Quentin Coldwater (Jason Ralph) is heading off to graduate school, but not without some serious baggage hanging over his head. He is a clinically depressed young man who has checked himself in and out of therapy sessions over the last few months and just feels isolated from the rest of the world. His best friend, Julia (Stella Maeve) is the exact opposite, a brilliant young woman whose mind matches Quentin’s, but is a relatively happy and well-adjusted young woman looking to get into a prestigious school. Things turn their life upside down when they are suddenly diverted to a mysterious school named Brakebill Academy, where they learn that magic is not something out of their favorite “Fillory” fantasy novels (a series that Quentin is obsessed with). However, their lives take drastically different courses when Quentin is accepted into the magical school while Julia is rejected and left to her own devices in the “real” world. As such, we have two unique storylines that slowly intertwine as the series goes on. 

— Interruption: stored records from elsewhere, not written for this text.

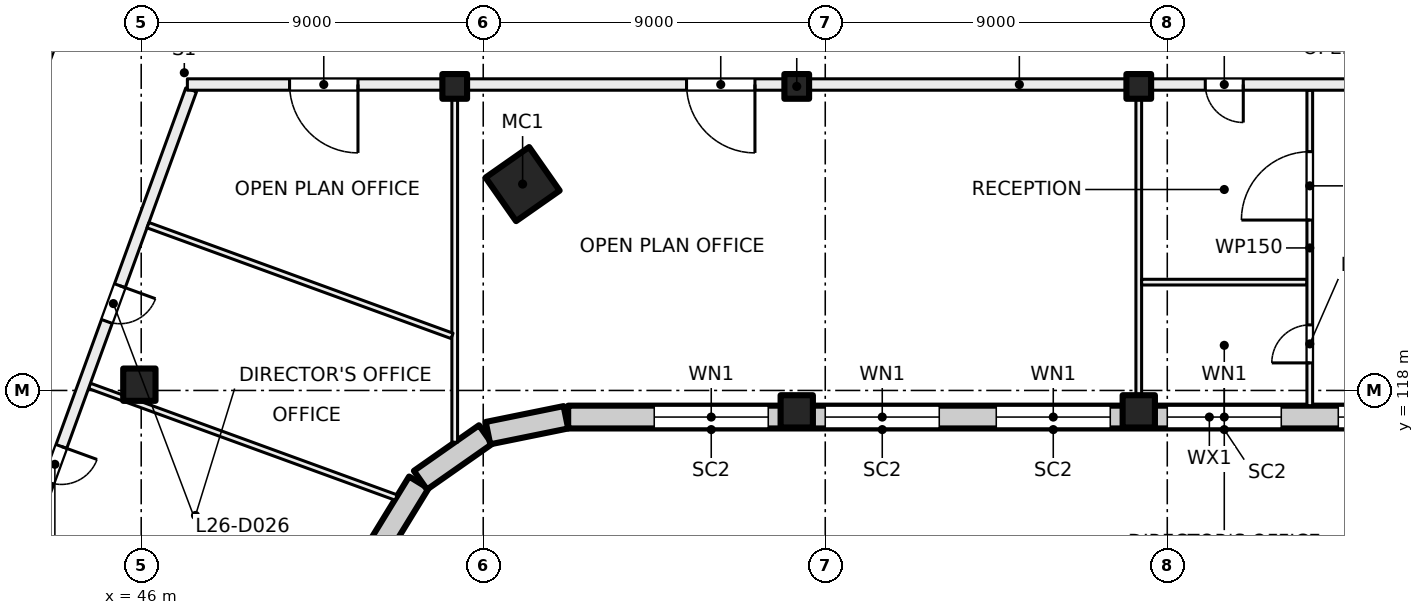
"""IFC4 building model, lengths in metres.
Left out: names, types, materials, properties, quantities, classifications, styles, units other than length and angle.
Written with IfcOpenShell. Run it as: python <this file> out.ifc"""

import sys

from ifc_helpers import new_model, si_unit, direction, frame, frame_2d, origin, origin_2d, place, context, subcontext, project, spatial, rectangle, hollow_rectangle, extrude, element, fill, save


model = new_model("IFC4")
c1 = context("Model", 3, precision=1e-05, world=origin(), true_north=direction((0.0, 1.0)))
c2 = subcontext(c1, "Body", "Model", "MODEL_VIEW")
j1 = project(units=[si_unit("LENGTHUNIT", "METRE"), si_unit("PLANEANGLEUNIT", "RADIAN")], contexts=[c1])
p1 = place(None, origin())
s1 = spatial("IfcSite", under=j1, at=p1, CompositionType="ELEMENT")
p2 = place(p1, origin())
s2 = spatial("IfcBuilding", under=s1, at=p2, CompositionType="ELEMENT")
p3 = place(p2, frame((0.0, 0.0, 113.0)))
s3 = spatial("IfcBuildingStorey", under=s2, at=p3, CompositionType="ELEMENT", Elevation=113.0)
p4 = place(p3, frame((56.036, 123.43, 0.0), z_axis=(0.0, 0.0, 1.0), x_axis=(0.573576436351, -0.819152044289, 0.0)))
e1 = element("IfcColumn", 1, at=p4, inside=s3, PredefinedType="COLUMN", context=c2, shape_type="SweptSolid", body=[
    extrude(hollow_rectangle(XDim=1.4, YDim=1.4, WallThickness=0.04, at=origin_2d()), origin(), (0.0, 0.0, 1.0), 4.0),
])
for number, where, z_axis, x_axis in (
    (2, (54.25, 126.0, 0.0), (0.0, 0.0, 1.0), (1.0, 0.0, 0.0)),
    (3, (63.25, 126.0, 0.0), (0.0, 0.0, 1.0), (1.0, 0.0, 0.0)),
    (4, (72.25, 126.0, 0.0), (0.0, 0.0, 1.0), (1.0, 0.0, 0.0)),
):
    element("IfcColumn", number, at=place(p3, frame(where, z_axis=z_axis, x_axis=x_axis)), inside=s3, PredefinedType="COLUMN", context=c2, shape_type="SweptSolid", body=[
        extrude(rectangle(XDim=0.65, YDim=0.65, at=origin_2d()), origin(), (0.0, 0.0, 1.0), 4.0),
    ])
for number, where, z_axis, x_axis in (
    (5, (45.952, 118.152, 0.0), (0.0, 0.0, 1.0), (1.0, 0.0, 0.0)),
    (6, (63.25, 117.45, 0.0), (0.0, 0.0, 1.0), (1.0, 0.0, 0.0)),
    (7, (72.25, 117.45, 0.0), (0.0, 0.0, 1.0), (1.0, 0.0, 0.0)),
):
    element("IfcColumn", number, at=place(p3, frame(where, z_axis=z_axis, x_axis=x_axis)), inside=s3, PredefinedType="COLUMN", context=c2, shape_type="SweptSolid", body=[
        extrude(rectangle(XDim=0.85, YDim=0.85, at=origin_2d()), origin(), (0.0, 0.0, 1.0), 4.0),
    ])
p5 = place(p3, frame((53.305, 115.578, 0.0), z_axis=(0.0, 0.0, 1.0), x_axis=(-0.522402266438, -0.852699168535, 0.0)))
e8 = element("IfcWall", 8, at=p5, inside=s3, PredefinedType="SOLIDWALL", context=c2, shape_type="SweptSolid", body=[
    extrude(rectangle(XDim=2.042, YDim=0.6, at=frame_2d((1.021, 0.0))), origin(), (0.0, 0.0, 1.0), 3.625),
])
for number, where, z_axis, x_axis in (
    (9, (55.062, 116.839, 0.0), (0.0, 0.0, 1.0), (-0.819, -0.574, 0.0)),
    (10, (57.175, 117.294, 0.0), (0.0, 0.0, 1.0), (-0.98, -0.199, 0.0)),
):
    element("IfcWall", number, at=place(p3, frame(where, z_axis=z_axis, x_axis=x_axis)), inside=s3, PredefinedType="SOLIDWALL", context=c2, shape_type="SweptSolid", body=[
        extrude(rectangle(XDim=2.092, YDim=0.6, at=frame_2d((1.046, 0.0))), origin(), (0.0, 0.0, 1.0), 3.625),
    ])
p6 = place(p3, frame((90.98, 117.3, 0.0), z_axis=(0.0, 0.0, 1.0), x_axis=(-1.0, 0.0, 0.0)))
e11 = element("IfcWall", 11, at=p6, inside=s3, PredefinedType="SOLIDWALL", context=c2, shape_type="SweptSolid", body=[
    extrude(rectangle(XDim=33.745, YDim=0.6, at=frame_2d((16.873, 0.0))), origin(), (0.0, 0.0, 1.0), 3.625),
])
p7 = place(p6, frame((1.48, 0.0, 0.9)))
e12 = element("IfcOpeningElement", 12, at=p7, cuts=e11, PredefinedType="OPENING", context=c2, shape_type="SweptSolid", body=[
    extrude(rectangle(XDim=3.0, YDim=2.4, at=frame_2d((1.5, 1.2))), frame((0.0, 0.31, 0.0), z_axis=(0.0, -1.0, 0.0), x_axis=(1.0, 0.0, 0.0)), (0.0, 0.0, 1.0), 0.62),
])
p8 = place(p6, frame((5.98, 0.0, 0.9)))
e13 = element("IfcOpeningElement", 13, at=p8, cuts=e11, PredefinedType="OPENING", context=c2, shape_type="SweptSolid", body=[
    extrude(rectangle(XDim=3.0, YDim=2.4, at=frame_2d((1.5, 1.2))), frame((0.0, 0.31, 0.0), z_axis=(0.0, -1.0, 0.0), x_axis=(1.0, 0.0, 0.0)), (0.0, 0.0, 1.0), 0.62),
])
p9 = place(p6, frame((10.48, 0.0, 0.9)))
e14 = element("IfcOpeningElement", 14, at=p9, cuts=e11, PredefinedType="OPENING", context=c2, shape_type="SweptSolid", body=[
    extrude(rectangle(XDim=3.0, YDim=2.4, at=frame_2d((1.5, 1.2))), frame((0.0, 0.31, 0.0), z_axis=(0.0, -1.0, 0.0), x_axis=(1.0, 0.0, 0.0)), (0.0, 0.0, 1.0), 0.62),
])
p10 = place(p6, frame((14.98, 0.0, 0.9)))
e15 = element("IfcOpeningElement", 15, at=p10, cuts=e11, PredefinedType="OPENING", context=c2, shape_type="SweptSolid", body=[
    extrude(rectangle(XDim=3.0, YDim=2.4, at=frame_2d((1.5, 1.2))), frame((0.0, 0.31, 0.0), z_axis=(0.0, -1.0, 0.0), x_axis=(1.0, 0.0, 0.0)), (0.0, 0.0, 1.0), 0.62),
])
p11 = place(p6, frame((19.48, 0.0, 0.9)))
e16 = element("IfcOpeningElement", 16, at=p11, cuts=e11, PredefinedType="OPENING", context=c2, shape_type="SweptSolid", body=[
    extrude(rectangle(XDim=3.0, YDim=2.4, at=frame_2d((1.5, 1.2))), frame((0.0, 0.31, 0.0), z_axis=(0.0, -1.0, 0.0), x_axis=(1.0, 0.0, 0.0)), (0.0, 0.0, 1.0), 0.62),
])
p12 = place(p6, frame((23.98, 0.0, 0.9)))
e17 = element("IfcOpeningElement", 17, at=p12, cuts=e11, PredefinedType="OPENING", context=c2, shape_type="SweptSolid", body=[
    extrude(rectangle(XDim=3.0, YDim=2.4, at=frame_2d((1.5, 1.2))), frame((0.0, 0.31, 0.0), z_axis=(0.0, -1.0, 0.0), x_axis=(1.0, 0.0, 0.0)), (0.0, 0.0, 1.0), 0.62),
])
p13 = place(p6, frame((28.48, 0.0, 0.9)))
e18 = element("IfcOpeningElement", 18, at=p13, cuts=e11, PredefinedType="OPENING", context=c2, shape_type="SweptSolid", body=[
    extrude(rectangle(XDim=3.0, YDim=2.4, at=frame_2d((1.5, 1.2))), frame((0.0, 0.31, 0.0), z_axis=(0.0, -1.0, 0.0), x_axis=(1.0, 0.0, 0.0)), (0.0, 0.0, 1.0), 0.62),
])
p14 = place(p3, frame((32.881, 97.657, 0.0), z_axis=(0.0, 0.0, 1.0), x_axis=(0.342017360004, 0.939693633828, 0.0)))
e19 = element("IfcWall", 19, at=p14, inside=s3, PredefinedType="PARTITIONING", context=c2, shape_type="SweptSolid", body=[
    extrude(rectangle(XDim=34.516, YDim=0.3, at=frame_2d((17.258, 0.0))), origin(), (0.0, 0.0, 1.0), 3.625),
])
p15 = place(p14, frame((2.025, 0.0, 0.0)))
e20 = element("IfcOpeningElement", 20, at=p15, cuts=e19, PredefinedType="OPENING", context=c2, shape_type="SweptSolid", body=[
    extrude(rectangle(XDim=1.2, YDim=2.1, at=frame_2d((0.6, 1.05))), frame((0.0, 0.16, 0.0), z_axis=(0.0, -1.0, 0.0), x_axis=(1.0, 0.0, 0.0)), (0.0, 0.0, 1.0), 0.32),
])
p16 = place(p14, frame((7.0, 0.0, 0.0)))
e21 = element("IfcOpeningElement", 21, at=p16, cuts=e19, PredefinedType="OPENING", context=c2, shape_type="SweptSolid", body=[
    extrude(rectangle(XDim=1.0, YDim=2.1, at=frame_2d((0.5, 1.05))), frame((0.0, 0.16, 0.0), z_axis=(0.0, -1.0, 0.0), x_axis=(1.0, 0.0, 0.0)), (0.0, 0.0, 1.0), 0.32),
])
p17 = place(p14, frame((11.5, 0.0, 0.0)))
e22 = element("IfcOpeningElement", 22, at=p17, cuts=e19, PredefinedType="OPENING", context=c2, shape_type="SweptSolid", body=[
    extrude(rectangle(XDim=1.0, YDim=2.1, at=frame_2d((0.5, 1.05))), frame((0.0, 0.16, 0.0), z_axis=(0.0, -1.0, 0.0), x_axis=(1.0, 0.0, 0.0)), (0.0, 0.0, 1.0), 0.32),
])
p18 = place(p14, frame((16.0, 0.0, 0.0)))
e23 = element("IfcOpeningElement", 23, at=p18, cuts=e19, PredefinedType="OPENING", context=c2, shape_type="SweptSolid", body=[
    extrude(rectangle(XDim=1.0, YDim=2.1, at=frame_2d((0.5, 1.05))), frame((0.0, 0.16, 0.0), z_axis=(0.0, -1.0, 0.0), x_axis=(1.0, 0.0, 0.0)), (0.0, 0.0, 1.0), 0.32),
])
p19 = place(p14, frame((20.5, 0.0, 0.0)))
e24 = element("IfcOpeningElement", 24, at=p19, cuts=e19, PredefinedType="OPENING", context=c2, shape_type="SweptSolid", body=[
    extrude(rectangle(XDim=1.0, YDim=2.1, at=frame_2d((0.5, 1.05))), frame((0.0, 0.16, 0.0), z_axis=(0.0, -1.0, 0.0), x_axis=(1.0, 0.0, 0.0)), (0.0, 0.0, 1.0), 0.32),
])
p20 = place(p14, frame((25.0, 0.0, 0.0)))
e25 = element("IfcOpeningElement", 25, at=p20, cuts=e19, PredefinedType="OPENING", context=c2, shape_type="SweptSolid", body=[
    extrude(rectangle(XDim=1.0, YDim=2.1, at=frame_2d((0.5, 1.05))), frame((0.0, 0.16, 0.0), z_axis=(0.0, -1.0, 0.0), x_axis=(1.0, 0.0, 0.0)), (0.0, 0.0, 1.0), 0.32),
])
p21 = place(p14, frame((29.779, 0.0, 0.0)))
e26 = element("IfcOpeningElement", 26, at=p21, cuts=e19, PredefinedType="OPENING", context=c2, shape_type="SweptSolid", body=[
    extrude(rectangle(XDim=1.8, YDim=2.1, at=frame_2d((0.9, 1.05))), frame((0.0, 0.16, 0.0), z_axis=(0.0, -1.0, 0.0), x_axis=(1.0, 0.0, 0.0)), (0.0, 0.0, 1.0), 0.32),
])
p22 = place(p3, frame((44.639, 118.12, 0.0), z_axis=(0.0, 0.0, 1.0), x_axis=(0.939669707102, -0.342083091593, 0.0)))
e27 = element("IfcWall", 27, at=p22, inside=s3, PredefinedType="PARTITIONING", context=c2, shape_type="SweptSolid", body=[
    extrude(rectangle(XDim=8.589, YDim=0.15, at=frame_2d((4.295, 0.0))), origin(), (0.0, 0.0, 1.0), 3.625),
])
p23 = place(p3, frame((47.314, 125.909, 0.0), z_axis=(0.0, 0.0, 1.0), x_axis=(-0.342010770371, -0.939696032209, 0.0)))
e28 = element("IfcWall", 28, at=p23, inside=s3, PredefinedType="PARTITIONING", context=c2, shape_type="SweptSolid", body=[
    extrude(rectangle(XDim=31.485, YDim=0.3, at=frame_2d((15.742, 0.0))), origin(), (0.0, 0.0, 1.0), 3.625),
])
p24 = place(p23, frame((28.259, 0.0, 0.0)))
e29 = element("IfcOpeningElement", 29, at=p24, cuts=e28, PredefinedType="OPENING", context=c2, shape_type="SweptSolid", body=[
    extrude(rectangle(XDim=1.2, YDim=2.1, at=frame_2d((0.6, 1.05))), frame((0.0, 0.16, 0.0), z_axis=(0.0, -1.0, 0.0), x_axis=(1.0, 0.0, 0.0)), (0.0, 0.0, 1.0), 0.32),
])
p25 = place(p23, frame((18.584, 0.0, 0.0)))
e30 = element("IfcOpeningElement", 30, at=p25, cuts=e28, PredefinedType="OPENING", context=c2, shape_type="SweptSolid", body=[
    extrude(rectangle(XDim=1.8, YDim=2.1, at=frame_2d((0.9, 1.05))), frame((0.0, 0.16, 0.0), z_axis=(0.0, -1.0, 0.0), x_axis=(1.0, 0.0, 0.0)), (0.0, 0.0, 1.0), 0.32),
])
p26 = place(p23, frame((9.985, 0.0, 0.0)))
e31 = element("IfcOpeningElement", 31, at=p26, cuts=e28, PredefinedType="OPENING", context=c2, shape_type="SweptSolid", body=[
    extrude(rectangle(XDim=1.0, YDim=2.1, at=frame_2d((0.5, 1.05))), frame((0.0, 0.16, 0.0), z_axis=(0.0, -1.0, 0.0), x_axis=(1.0, 0.0, 0.0)), (0.0, 0.0, 1.0), 0.32),
])
p27 = place(p23, frame((5.484, 0.0, 0.0)))
e32 = element("IfcOpeningElement", 32, at=p27, cuts=e28, PredefinedType="OPENING", context=c2, shape_type="SweptSolid", body=[
    extrude(rectangle(XDim=1.0, YDim=2.1, at=frame_2d((0.5, 1.05))), frame((0.0, 0.16, 0.0), z_axis=(0.0, -1.0, 0.0), x_axis=(1.0, 0.0, 0.0)), (0.0, 0.0, 1.0), 0.32),
])
p28 = place(p3, frame((54.25, 116.637, 0.0), z_axis=(0.0, 0.0, 1.0), x_axis=(0.0, 1.0, 0.0)))
e33 = element("IfcWall", 33, at=p28, inside=s3, PredefinedType="PARTITIONING", context=c2, shape_type="SweptSolid", body=[
    extrude(rectangle(XDim=9.263, YDim=0.15, at=frame_2d((4.631, 0.0))), origin(), (0.0, 0.0, 1.0), 3.625),
])
p29 = place(p3, frame((54.18, 119.436, 0.0), z_axis=(0.0, 0.0, 1.0), x_axis=(-0.939669476286, 0.342083725624, 0.0)))
e34 = element("IfcWall", 34, at=p29, inside=s3, PredefinedType="PARTITIONING", context=c2, shape_type="SweptSolid", body=[
    extrude(rectangle(XDim=8.516, YDim=0.15, at=frame_2d((4.258, 0.0))), origin(), (0.0, 0.0, 1.0), 3.625),
])
p30 = place(p3, frame((72.25, 117.6, 0.0), z_axis=(0.0, 0.0, 1.0), x_axis=(0.0, 1.0, 0.0)))
e35 = element("IfcWall", 35, at=p30, inside=s3, PredefinedType="PARTITIONING", context=c2, shape_type="SweptSolid", body=[
    extrude(rectangle(XDim=8.3, YDim=0.15, at=frame_2d((4.15, 0.0))), origin(), (0.0, 0.0, 1.0), 3.625),
])
p31 = place(p3, frame((72.325, 120.85, 0.0), z_axis=(0.0, 0.0, 1.0), x_axis=(1.0, 0.0, 0.0)))
e36 = element("IfcWall", 36, at=p31, inside=s3, PredefinedType="PARTITIONING", context=c2, shape_type="SweptSolid", body=[
    extrude(rectangle(XDim=4.35, YDim=0.15, at=frame_2d((2.175, 0.0))), origin(), (0.0, 0.0, 1.0), 3.625),
])
p32 = place(p3, frame((76.75, 117.6, 0.0), z_axis=(0.0, 0.0, 1.0), x_axis=(0.0, 1.0, 0.0)))
e37 = element("IfcWall", 37, at=p32, inside=s3, PredefinedType="PARTITIONING", context=c2, shape_type="SweptSolid", body=[
    extrude(rectangle(XDim=8.3, YDim=0.15, at=frame_2d((4.15, 0.0))), origin(), (0.0, 0.0, 1.0), 3.625),
])
p33 = place(p32, frame((1.125, 0.0, 0.0)))
e38 = element("IfcOpeningElement", 38, at=p33, cuts=e37, PredefinedType="OPENING", context=c2, shape_type="SweptSolid", body=[
    extrude(rectangle(XDim=1.0, YDim=2.1, at=frame_2d((0.5, 1.05))), frame((0.0, 0.085, 0.0), z_axis=(0.0, -1.0, 0.0), x_axis=(1.0, 0.0, 0.0)), (0.0, 0.0, 1.0), 0.17),
])
p34 = place(p32, frame((4.884, 0.0, 0.0)))
e39 = element("IfcOpeningElement", 39, at=p34, cuts=e37, PredefinedType="OPENING", context=c2, shape_type="SweptSolid", body=[
    extrude(rectangle(XDim=1.8, YDim=2.1, at=frame_2d((0.9, 1.05))), frame((0.0, 0.085, 0.0), z_axis=(0.0, -1.0, 0.0), x_axis=(1.0, 0.0, 0.0)), (0.0, 0.0, 1.0), 0.17),
])
p35 = place(p3, frame((91.0, 126.05, 0.0), z_axis=(0.0, 0.0, 1.0), x_axis=(-1.0, 0.0, 0.0)))
e40 = element("IfcWall", 40, at=p35, inside=s3, PredefinedType="PARTITIONING", context=c2, shape_type="SweptSolid", body=[
    extrude(rectangle(XDim=43.785, YDim=0.3, at=frame_2d((21.893, 0.0))), origin(), (0.0, 0.0, 1.0), 3.625),
])
p36 = place(p35, frame((2.025, 0.0, 0.0)))
e41 = element("IfcOpeningElement", 41, at=p36, cuts=e40, PredefinedType="OPENING", context=c2, shape_type="SweptSolid", body=[
    extrude(rectangle(XDim=1.2, YDim=2.1, at=frame_2d((0.6, 1.05))), frame((0.0, 0.16, 0.0), z_axis=(0.0, -1.0, 0.0), x_axis=(1.0, 0.0, 0.0)), (0.0, 0.0, 1.0), 0.32),
])
p37 = place(p35, frame((7.0, 0.0, 0.0)))
e42 = element("IfcOpeningElement", 42, at=p37, cuts=e40, PredefinedType="OPENING", context=c2, shape_type="SweptSolid", body=[
    extrude(rectangle(XDim=1.0, YDim=2.1, at=frame_2d((0.5, 1.05))), frame((0.0, 0.16, 0.0), z_axis=(0.0, -1.0, 0.0), x_axis=(1.0, 0.0, 0.0)), (0.0, 0.0, 1.0), 0.32),
])
p38 = place(p35, frame((16.0, 0.0, 0.0)))
e43 = element("IfcOpeningElement", 43, at=p38, cuts=e40, PredefinedType="OPENING", context=c2, shape_type="SweptSolid", body=[
    extrude(rectangle(XDim=1.0, YDim=2.1, at=frame_2d((0.5, 1.05))), frame((0.0, 0.16, 0.0), z_axis=(0.0, -1.0, 0.0), x_axis=(1.0, 0.0, 0.0)), (0.0, 0.0, 1.0), 0.32),
])
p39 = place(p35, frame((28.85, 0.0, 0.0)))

To make it easier we’ll call them story A and story B. Story A tends to be the main one, with Quentin adapting to his new life at Brakebill. He was never the social butterfly in the real world, and just as much of an outcast in this new world of magic and wonder. However, fate brings him together with several other students, a fate that has the ability to tear the entire world asunder as a magic spell gone awry brings in a monstrous beast who nearly tears the school apart and then mysteriously vanishes. While Quentin is desperately searching for meaning, he is plagued by dreams of his precious “Fillory” novels, only to slowly realize that Fillory was not just a series of books, but in fact just as real as Brakebill academy is. Along with shy, but powerful, Alice (Olivia Taylor Duley), the snarky psychic traveler Penny (Arjun Gupta), A continually high socialite with a penchant for physical magic (Hale Appleman) and a few others, Quentin has to find a way to stop this beast from taking away not only his life, but everyone he ever loved.

[img]http://www.hometheatershack.com/gallery/file.php?n=75329[/img]Simultaneously we also are privy to story B, which revolves around Julia and her adaptation to the knowledge that there is something more powerful out there. Ironically she is not used as a support for the main story, but rather her story seems to flow alongside the main one, but remain separate and just as important (although seemingly inconsequential for this particular season). After being rejected at Brakebill, Julia is lost and alone. Just KNOWING she has magical ability she is recruited by what is known as Hedge Witches (a group of magical beings who are not formally trained and use magic as one would a drug, selling and trading and turning tricks for spells in order to get as powerful as they can), and does her best to live up to her own internal expectations. As one would guess that doesn’t turn out so well and Julia is forced to look inside of herself and see just what drives her and her search for more magic. 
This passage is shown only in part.